In 2023, the Cosmos SDK team took a step back and asked ourselves, “How can we level up the software to provide more freedom for application developers?” This led us down two development avenues: v2 and CrossLang. This article focuses on v2 — stay tuned for more on CrossLang.

What is v2?

First, let’s understand the current state of the Cosmos SDK. Today, the Cosmos SDK is a semi-modular monolith which is difficult to customize or modify. We have seen many users who want to modify the software ending up in a fork which they then have to maintain over time. Seldom are we able to upstream changes from these forks, as doing so would significantly increase our maintenance burden.

BaseApp is a package that handles all the logic for message passing, state management, communication to CometBFT through ABCI, and transaction execution. However, those who have explored BaseApp may have encountered complexities and questioned why certain elements exist within the code. As user demands for new features continue to grow, BaseApp has become increasingly difficult to maintain. Moreover, the current design does not provide a safe and straightforward way to take advantage of designs evolving from the blockchain space.

Taking into account the limitations of BaseApp and the current Cosmos SDK, we have made the decision to not continue to maintain BaseApp and its surrounding packages past a certain point. Our goal is to foster a more enjoyable development experience and deliver the best and most innovative features to our users. This is where v2 comes into play. v2 is designed with a focus on simplification and maximum customization.

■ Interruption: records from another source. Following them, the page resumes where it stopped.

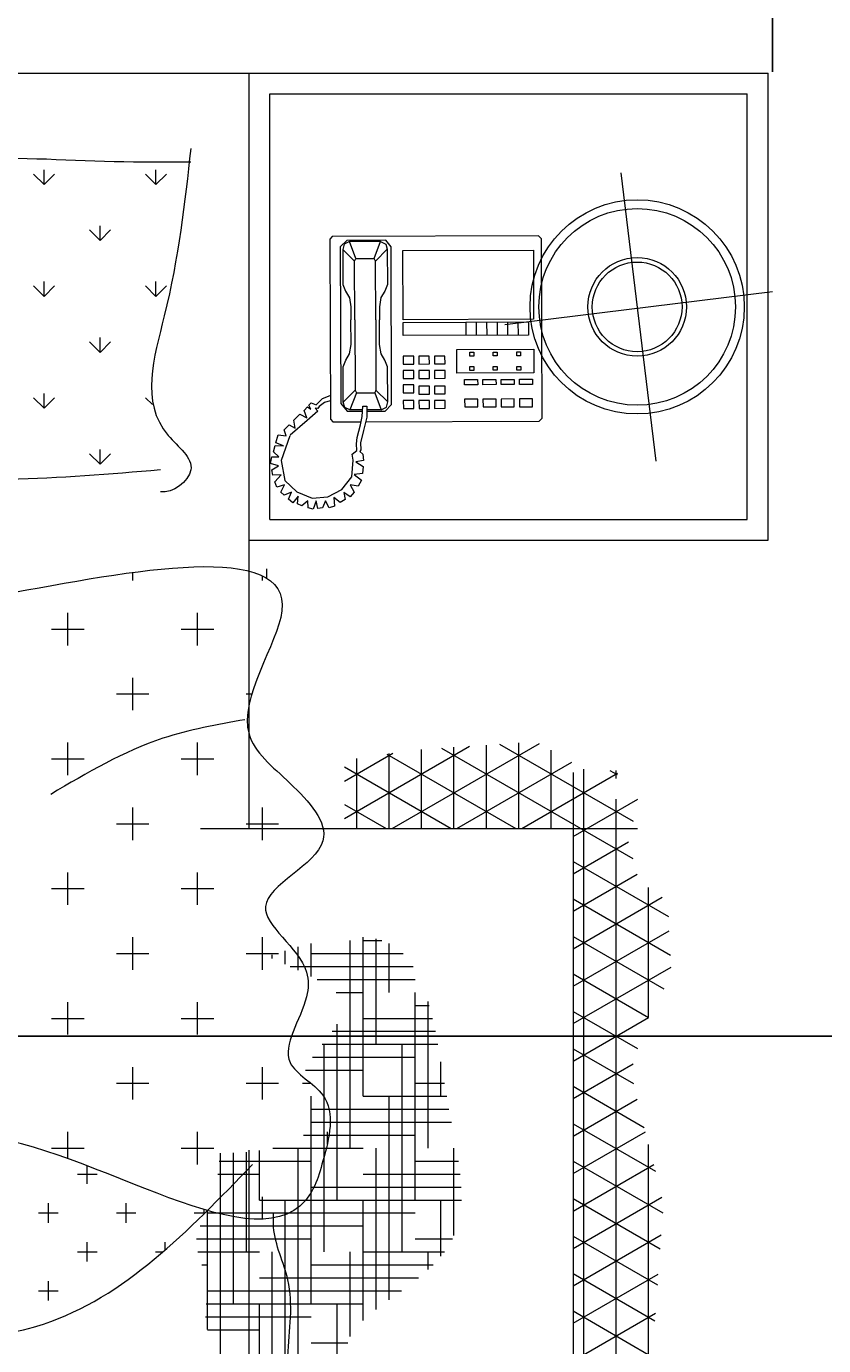
# Model space of a CAD drawing. Units: inches. Extents: x 2330 to 3943, y 1763 to 3461.
# Tile 7 of 40: x 2593 to 2634, y 2316 to 2383. Entities that reach past the tile are written whole.
import ezdxf

# ---------------------------------------------------------------- set-up
doc = ezdxf.new("R2010")
doc.units = ezdxf.units.IN
doc.layers.add('A-ANNO-DIMS', color=2, linetype='Continuous', lineweight=18)
doc.layers.add('A-FURN', color=8, linetype='Continuous', lineweight=13)
doc.styles.get("Standard").update_dxf_attribs({"font": 'arial.ttf'})
doc.dimstyles.get("Standard").update_dxf_attribs({"dimtxt": 0.18, "dimasz": 0.18, "dimexe": 0.18, "dimexo": 0.0625, "dimgap": 0.09, "dimtad": 0, "dimtih": 1, "dimtoh": 1, "dimdec": 4, "dimzin": 0, "dimdsep": 46, "dimtxsty": 'Standard', "dimcen": 0.09, "dimadec": 0, "dimazin": 0, "dimtfac": 1, "dimtdec": 4, "dimtofl": 0, "dimtmove": 0, "dimatfit": 3, "dimfxl": 1, "dimtolj": 1, "dimtzin": 0, "dimarcsym": 0})

# ---------------------------------------------------------------- blocks, each defined once
blk = doc.blocks.new('A$C200C7901')
for p, q in [((0.5, 2.3334), (2, 2.3334)), ((2, 2.3334), (2.5, 2.3334)), ((2, 1.6055), (2, 2.3334)), ((2.5, 1.8834), (2.5, 2.3334)), ((2, 1.8834), (2.5, 1.8834)), ((2.0171, 1.8467), (2.0171, 1.8556)), ((2.0171, 1.8467), (2.0171, 1.8556)), ((2.0129, 1.8445), (2.0129, 1.849)), ((2.0129, 1.8445), (2.0129, 1.849)), ((1.9972, 1.7352), (2.0027, 1.7352)), ((1.9972, 1.7352), (2.0027, 1.7352)), ((2, 1.6963), (2, 1.7248)), ((2, 1.6963), (2, 1.7248)), ((2.3121, 1.6596), (2.3121, 0.0201)), ((1.9533, 1.6055), (2.3741, 1.6055)), ((1.9533, 1.6055), (2.3741, 1.6055)), ((2, 0.2957), (2, 1.2957)), ((2.0224, 0.9977), (2.0224, 1.1977)), ((2.0224, 0.9977), (2.0224, 1.1977))]:
    blk.add_line(p, q)
at = {"linetype": 'ByBlock'}
for p, q in [((2.02, 2.3134), (2.48, 2.3134)), ((2.02, 1.9034), (2.02, 2.3134)), ((2.48, 1.9034), (2.48, 2.3134)), ((1.8025, 2.2259), (1.8025, 2.2402)), ((1.8025, 2.2259), (1.8025, 2.2402)), ((1.9103, 2.2259), (1.9103, 2.2402)), ((1.9103, 2.2259), (1.9103, 2.2402)), ((2.3581, 2.2373), (2.3919, 1.9595)), ((1.8025, 2.2259), (1.7924, 2.236)), ((1.8025, 2.2259), (1.7924, 2.236)), ((1.8025, 2.2259), (1.8126, 2.236)), ((1.8025, 2.2259), (1.8126, 2.236)), ((1.9103, 2.2259), (1.9002, 2.236)), ((1.9103, 2.2259), (1.9002, 2.236)), ((1.9103, 2.2259), (1.9204, 2.236)), ((1.9103, 2.2259), (1.9204, 2.236)), ((1.8564, 2.172), (1.8564, 2.1863)), ((1.8564, 2.172), (1.8564, 2.1863)), ((1.8564, 2.1721), (1.8463, 2.1822)), ((1.8564, 2.1721), (1.8463, 2.1822)), ((1.8564, 2.1721), (1.8665, 2.1822)), ((1.8564, 2.1721), (1.8665, 2.1822)), ((2.0802, 2.176), (2.0777, 2.1734)), ((2.0777, 2.1734), (2.0783, 1.9999)), ((2.2789, 2.1766), (2.0802, 2.176)), ((2.2789, 2.1766), (2.2814, 2.1741)), ((2.2814, 2.1741), (2.282, 2.0006)), ((2.0941, 2.1722), (2.0878, 2.1659)), ((2.0878, 2.1659), (2.0883, 2.015)), ((2.0915, 2.1685), (2.0903, 2.1634)), ((2.0903, 2.1634), (2.1017, 2.1521)), ((2.0903, 2.1634), (2.0904, 2.1295)), ((2.0966, 2.171), (2.0915, 2.1685)), ((2.1318, 2.1724), (2.0941, 2.1722)), ((2.1267, 2.1711), (2.0966, 2.171)), ((2.1029, 2.1547), (2.0966, 2.171)), ((2.1205, 2.1547), (2.1267, 2.1711)), ((2.1331, 2.1636), (2.1218, 2.1522)), ((2.1267, 2.1711), (2.1318, 2.1686)), ((2.1368, 2.1661), (2.1318, 2.1724)), ((2.1318, 2.1686), (2.1331, 2.1636)), ((2.1331, 2.1636), (2.1332, 2.1296)), ((2.1373, 2.014), (2.1368, 2.1661)), ((2.1481, 2.1624), (2.2739, 2.1628)), ((2.1484, 2.0957), (2.1481, 2.1624)), ((2.2739, 2.1628), (2.2741, 2.0961)), ((2.1017, 2.1521), (2.1029, 2.1547)), ((2.1019, 2.0956), (2.1017, 2.1521)), ((2.1029, 2.1547), (2.1205, 2.1547)), ((2.1218, 2.1522), (2.1205, 2.1547)), ((2.122, 2.0956), (2.1218, 2.1522)), ((1.8025, 2.1182), (1.7924, 2.1283)), ((1.8025, 2.1182), (1.7924, 2.1283)), ((1.8025, 2.1182), (1.8025, 2.1325)), ((1.8025, 2.1182), (1.8025, 2.1325)), ((1.8025, 2.1182), (1.8126, 2.1283)), ((1.8025, 2.1182), (1.8126, 2.1283)), ((1.9103, 2.1182), (1.9002, 2.1283)), ((1.9103, 2.1182), (1.9002, 2.1283)), ((1.9103, 2.1182), (1.9103, 2.1325)), ((1.9103, 2.1182), (1.9103, 2.1325)), ((1.9103, 2.1182), (1.9204, 2.1283)), ((1.9103, 2.1182), (1.9204, 2.1283)), ((2.0904, 2.1295), (2.093, 2.1232)), ((2.093, 2.1232), (2.0968, 2.1169)), ((2.1307, 2.1233), (2.1269, 2.117)), ((2.1332, 2.1296), (2.1307, 2.1233)), ((2.2464, 2.0911), (2.5044, 2.1228)), ((2.0968, 2.1169), (2.098, 2.1081)), ((2.1269, 2.117), (2.1257, 2.1082)), ((2.098, 2.1081), (2.0981, 2.0956)), ((2.1257, 2.1082), (2.1257, 2.0956)), ((2.0982, 2.0717), (2.0981, 2.0956)), ((2.1019, 2.0956), (2.1021, 2.0277)), ((2.122, 2.0956), (2.1222, 2.0277)), ((2.1258, 2.0718), (2.1257, 2.0956)), ((2.2741, 2.0961), (2.1484, 2.0957)), ((2.1484, 2.0932), (2.2691, 2.0936)), ((2.1484, 2.0806), (2.1484, 2.0932)), ((2.2087, 2.0934), (2.2088, 2.0808)), ((2.2188, 2.0934), (2.2188, 2.0809)), ((2.2288, 2.0935), (2.2289, 2.0809)), ((2.2389, 2.0935), (2.239, 2.0809)), ((2.249, 2.0935), (2.249, 2.081)), ((2.259, 2.0936), (2.2591, 2.081)), ((2.2691, 2.0936), (2.2691, 2.081)), ((1.8564, 2.0643), (1.8463, 2.0744)), ((1.8564, 2.0643), (1.8463, 2.0744)), ((1.8564, 2.0643), (1.8564, 2.0786)), ((1.8564, 2.0643), (1.8564, 2.0786)), ((1.8564, 2.0643), (1.8665, 2.0744)), ((1.8564, 2.0643), (1.8665, 2.0744)), ((2.0969, 2.0629), (2.0982, 2.0717)), ((2.1271, 2.063), (2.1258, 2.0718)), ((2.2691, 2.081), (2.1484, 2.0806)), ((2.0932, 2.0566), (2.0969, 2.0629)), ((2.1309, 2.0567), (2.1271, 2.063)), ((2.1586, 2.0606), (2.1485, 2.0605)), ((2.1485, 2.0605), (2.1485, 2.053)), ((2.1586, 2.053), (2.1586, 2.0606)), ((2.1636, 2.0606), (2.1636, 2.053)), ((2.1736, 2.0606), (2.1636, 2.0606)), ((2.1737, 2.0531), (2.1736, 2.0606)), ((2.1887, 2.0607), (2.1787, 2.0606)), ((2.1787, 2.0606), (2.1787, 2.0531)), ((2.1888, 2.0531), (2.1887, 2.0607)), ((2.2, 2.067), (2.2742, 2.0672)), ((2.2001, 2.0443), (2.2, 2.067)), ((2.2126, 2.0645), (2.2164, 2.0645)), ((2.2126, 2.0607), (2.2126, 2.0645)), ((2.2164, 2.0607), (2.2126, 2.0607)), ((2.2164, 2.0645), (2.2164, 2.0607)), ((2.2352, 2.0646), (2.239, 2.0646)), ((2.2352, 2.0608), (2.2352, 2.0646)), ((2.239, 2.0608), (2.2352, 2.0608)), ((2.239, 2.0646), (2.239, 2.0608)), ((2.2579, 2.0609), (2.2579, 2.0647)), ((2.2579, 2.0647), (2.2616, 2.0647)), ((2.2616, 2.0609), (2.2579, 2.0609)), ((2.2616, 2.0647), (2.2616, 2.0609)), ((2.2742, 2.0672), (2.2743, 2.0446)), ((2.0907, 2.0503), (2.0932, 2.0566)), ((2.0908, 2.0163), (2.0907, 2.0503)), ((2.1334, 2.0504), (2.1309, 2.0567)), ((2.1336, 2.0165), (2.1334, 2.0504)), ((2.1485, 2.053), (2.1586, 2.053)), ((2.1485, 2.0467), (2.1486, 2.0391)), ((2.1586, 2.0467), (2.1485, 2.0467)), ((2.1586, 2.0392), (2.1586, 2.0467)), ((2.1636, 2.053), (2.1737, 2.0531)), ((2.1737, 2.0468), (2.1636, 2.0467)), ((2.1636, 2.0467), (2.1637, 2.0392)), ((2.1737, 2.0392), (2.1737, 2.0468)), ((2.1787, 2.0531), (2.1888, 2.0531)), ((2.1787, 2.0468), (2.1787, 2.0392)), ((2.1888, 2.0468), (2.1787, 2.0468)), ((2.1888, 2.0393), (2.1888, 2.0468)), ((2.2126, 2.0507), (2.2164, 2.0507)), ((2.2127, 2.0469), (2.2126, 2.0507)), ((2.2164, 2.0469), (2.2127, 2.0469)), ((2.2164, 2.0507), (2.2164, 2.0469)), ((2.2353, 2.0508), (2.2391, 2.0508)), ((2.2353, 2.047), (2.2353, 2.0508)), ((2.2391, 2.047), (2.2353, 2.047)), ((2.2391, 2.0508), (2.2391, 2.047)), ((2.2579, 2.0508), (2.2617, 2.0508)), ((2.2579, 2.0471), (2.2579, 2.0508)), ((2.2617, 2.0471), (2.2579, 2.0471)), ((2.2617, 2.0508), (2.2617, 2.0471)), ((2.1486, 2.0391), (2.1586, 2.0392)), ((2.1637, 2.0392), (2.1737, 2.0392)), ((2.1787, 2.0392), (2.1888, 2.0393)), ((2.2743, 2.0446), (2.2001, 2.0443)), ((2.2077, 2.0331), (2.2077, 2.0381)), ((2.2077, 2.0381), (2.2202, 2.0381)), ((2.2202, 2.0381), (2.2203, 2.0331)), ((2.2253, 2.0381), (2.2378, 2.0382)), ((2.2253, 2.0331), (2.2253, 2.0381)), ((2.2378, 2.0382), (2.2379, 2.0332)), ((2.2429, 2.0332), (2.2429, 2.0382)), ((2.2429, 2.0382), (2.2554, 2.0382)), ((2.2554, 2.0382), (2.2555, 2.0332)), ((2.2605, 2.0332), (2.2605, 2.0383)), ((2.2605, 2.0383), (2.273, 2.0383)), ((2.273, 2.0383), (2.2731, 2.0333)), ((1.8025, 2.0104), (1.8025, 2.0247)), ((1.8025, 2.0104), (1.8025, 2.0247)), ((2.0707, 2.0197), (2.0782, 2.0226)), ((2.0908, 2.0163), (2.1021, 2.0277)), ((2.1034, 2.0252), (2.0971, 2.0088)), ((2.1021, 2.0277), (2.1034, 2.0252)), ((2.1034, 2.0252), (2.121, 2.0252)), ((2.1222, 2.0277), (2.121, 2.0252)), ((2.121, 2.0252), (2.1273, 2.0089)), ((2.1336, 2.0165), (2.1222, 2.0277)), ((2.1586, 2.0329), (2.1486, 2.0329)), ((2.1486, 2.0329), (2.1486, 2.0253)), ((2.1486, 2.0253), (2.1587, 2.0253)), ((2.1587, 2.0253), (2.1586, 2.0329)), ((2.1637, 2.0317), (2.1637, 2.0241)), ((2.1737, 2.0317), (2.1637, 2.0317)), ((2.1637, 2.0241), (2.1738, 2.0241)), ((2.1738, 2.0241), (2.1737, 2.0317)), ((2.1788, 2.0317), (2.1788, 2.0242)), ((2.1888, 2.0317), (2.1788, 2.0317)), ((2.1788, 2.0242), (2.1889, 2.0242)), ((2.1889, 2.0242), (2.1888, 2.0317)), ((2.2203, 2.0331), (2.2077, 2.0331)), ((2.2379, 2.0332), (2.2253, 2.0331)), ((2.2555, 2.0332), (2.2429, 2.0332)), ((2.2731, 2.0333), (2.2605, 2.0332)), ((1.8025, 2.0104), (1.7924, 2.0205)), ((1.8025, 2.0104), (1.7924, 2.0205)), ((1.8025, 2.0104), (1.8126, 2.0205)), ((1.8025, 2.0104), (1.8126, 2.0205)), ((1.9068, 2.0139), (1.9002, 2.0205)), ((1.9068, 2.0139), (1.9002, 2.0205)), ((2.053, 2.0084), (2.0563, 2.0119)), ((2.0557, 2.0011), (2.053, 2.0084)), ((2.0563, 2.0119), (2.0594, 2.0095)), ((2.0576, 2.0133), (2.0598, 2.0155)), ((2.0594, 2.0095), (2.0576, 2.0133)), ((2.0598, 2.0155), (2.0645, 2.0137)), ((2.0663, 2.0102), (2.0636, 2.0104)), ((2.0636, 2.0104), (2.0663, 2.0077)), ((2.0645, 2.0137), (2.0671, 2.0162)), ((2.0676, 2.012), (2.0663, 2.0102)), ((2.0671, 2.0162), (2.0707, 2.0197)), ((2.0727, 2.016), (2.0676, 2.012)), ((2.0782, 2.0175), (2.0727, 2.016)), ((2.0883, 2.015), (2.0946, 2.0075)), ((2.0921, 2.0113), (2.0908, 2.0163)), ((2.0971, 2.0088), (2.0921, 2.0113)), ((2.1094, 2.0088), (2.0971, 2.0088)), ((2.109, 2.0025), (2.1097, 2.0126)), ((2.1097, 2.0126), (2.1135, 2.0126)), ((2.1135, 2.0126), (2.1133, 2.0018)), ((2.1273, 2.0089), (2.1134, 2.0088)), ((2.1273, 2.0089), (2.1323, 2.0114)), ((2.1311, 2.0077), (2.1373, 2.014)), ((2.1323, 2.0114), (2.1336, 2.0165)), ((2.1587, 2.0178), (2.1486, 2.0178)), ((2.1486, 2.0178), (2.1487, 2.0102)), ((2.1487, 2.0102), (2.1587, 2.0103)), ((2.1587, 2.0103), (2.1587, 2.0178)), ((2.1738, 2.0179), (2.1637, 2.0178)), ((2.1637, 2.0178), (2.1638, 2.0103)), ((2.1638, 2.0103), (2.1738, 2.0103)), ((2.1738, 2.0103), (2.1738, 2.0179)), ((2.1788, 2.0179), (2.1788, 2.0103)), ((2.1889, 2.0179), (2.1788, 2.0179)), ((2.1788, 2.0103), (2.1889, 2.0104)), ((2.1889, 2.0104), (2.1889, 2.0179)), ((2.2203, 2.0193), (2.2077, 2.0192)), ((2.2077, 2.0192), (2.2078, 2.0117)), ((2.2078, 2.0117), (2.2203, 2.0117)), ((2.2203, 2.0117), (2.2203, 2.0193)), ((2.2379, 2.0193), (2.2253, 2.0193)), ((2.2253, 2.0193), (2.2254, 2.0117)), ((2.2254, 2.0117), (2.2379, 2.0118)), ((2.2379, 2.0118), (2.2379, 2.0193)), ((2.2555, 2.0194), (2.2429, 2.0193)), ((2.2429, 2.0193), (2.243, 2.0118)), ((2.243, 2.0118), (2.2555, 2.0118)), ((2.2555, 2.0118), (2.2555, 2.0194)), ((2.2605, 2.0194), (2.2606, 2.0119)), ((2.2731, 2.0194), (2.2605, 2.0194)), ((2.2606, 2.0119), (2.2731, 2.0119)), ((2.2731, 2.0119), (2.2731, 2.0194)), ((2.0561, 1.9986), (2.0396, 1.9844)), ((2.0431, 1.999), (2.0488, 2.0046)), ((2.0444, 1.9911), (2.0431, 1.999)), ((2.0488, 2.0046), (2.0557, 2.0011)), ((2.0663, 2.0077), (2.0561, 1.9986)), ((2.0783, 1.9999), (2.0808, 1.9974)), ((2.0808, 1.9974), (2.1079, 1.9975)), ((2.0946, 2.0075), (2.1093, 2.0076)), ((2.1072, 1.9944), (2.109, 2.0025)), ((2.1133, 2.0018), (2.1103, 1.989)), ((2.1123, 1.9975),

We opted to break BaseApp into two separate components: State Transition Function and Server. The consensus server is the component that drives the application.

Server

Server is the brains of the operation. It houses the client based infrastructure, GRPC & REST, and the connection to the underlying consensus engine. In the past if a user would like to swap consensus engines they were limited to ABCI, in v2 our goal was developer freedom, we removed this limitation. Applications can implement custom consensus engines that directly interact with a state transition function. We are discussing v2 with teams that are working on consensus engines or have them already. These teams are excited about what new offerings they can bring to the ecosystem without needing to work around ABCI. To name a few: Rollkit, Meter.io (recent blog post on ABCI integration), Avalanche (Hyper-SDK), Nethermind (Monomer).

Within the server users have the freedom to customize anything. Users can define custom transaction types and how to decode them, work with any API technology they would like or follow any spec (ETH RPC specification) and custom mempool designs to name a few. As the application above the server does not care for what is going on in the server the freedom for developers is more than what it once was.

State Transition Function (STF)

The State Transition Function is where all the execution is handled. It is stateless and does not care about the execution model of the application nor how transactions are encoded. Stf has four methods, DeliverBlock, Query, Validate Transaction and Simulate. Within the state transition function there is gas handling and a cache store for writes and reads that is populated via the required information for the transaction.

The state transition function houses gas metering and a cache store for execution. These implementations are meant to be modified and freely customized to handle custom features.

DeliverBlock

DeliverBlock handles the execution of a block. It is given the decoded transaction in block request struct, this struct contains metadata about the block and a database reader. The State Transition Function has no writing capabilities to the underlying storage layer. It will always return a set of changesets that will be handled by the consensus server. The deliver block phase handles: preblock, beginblock, executing the transaction and endblock.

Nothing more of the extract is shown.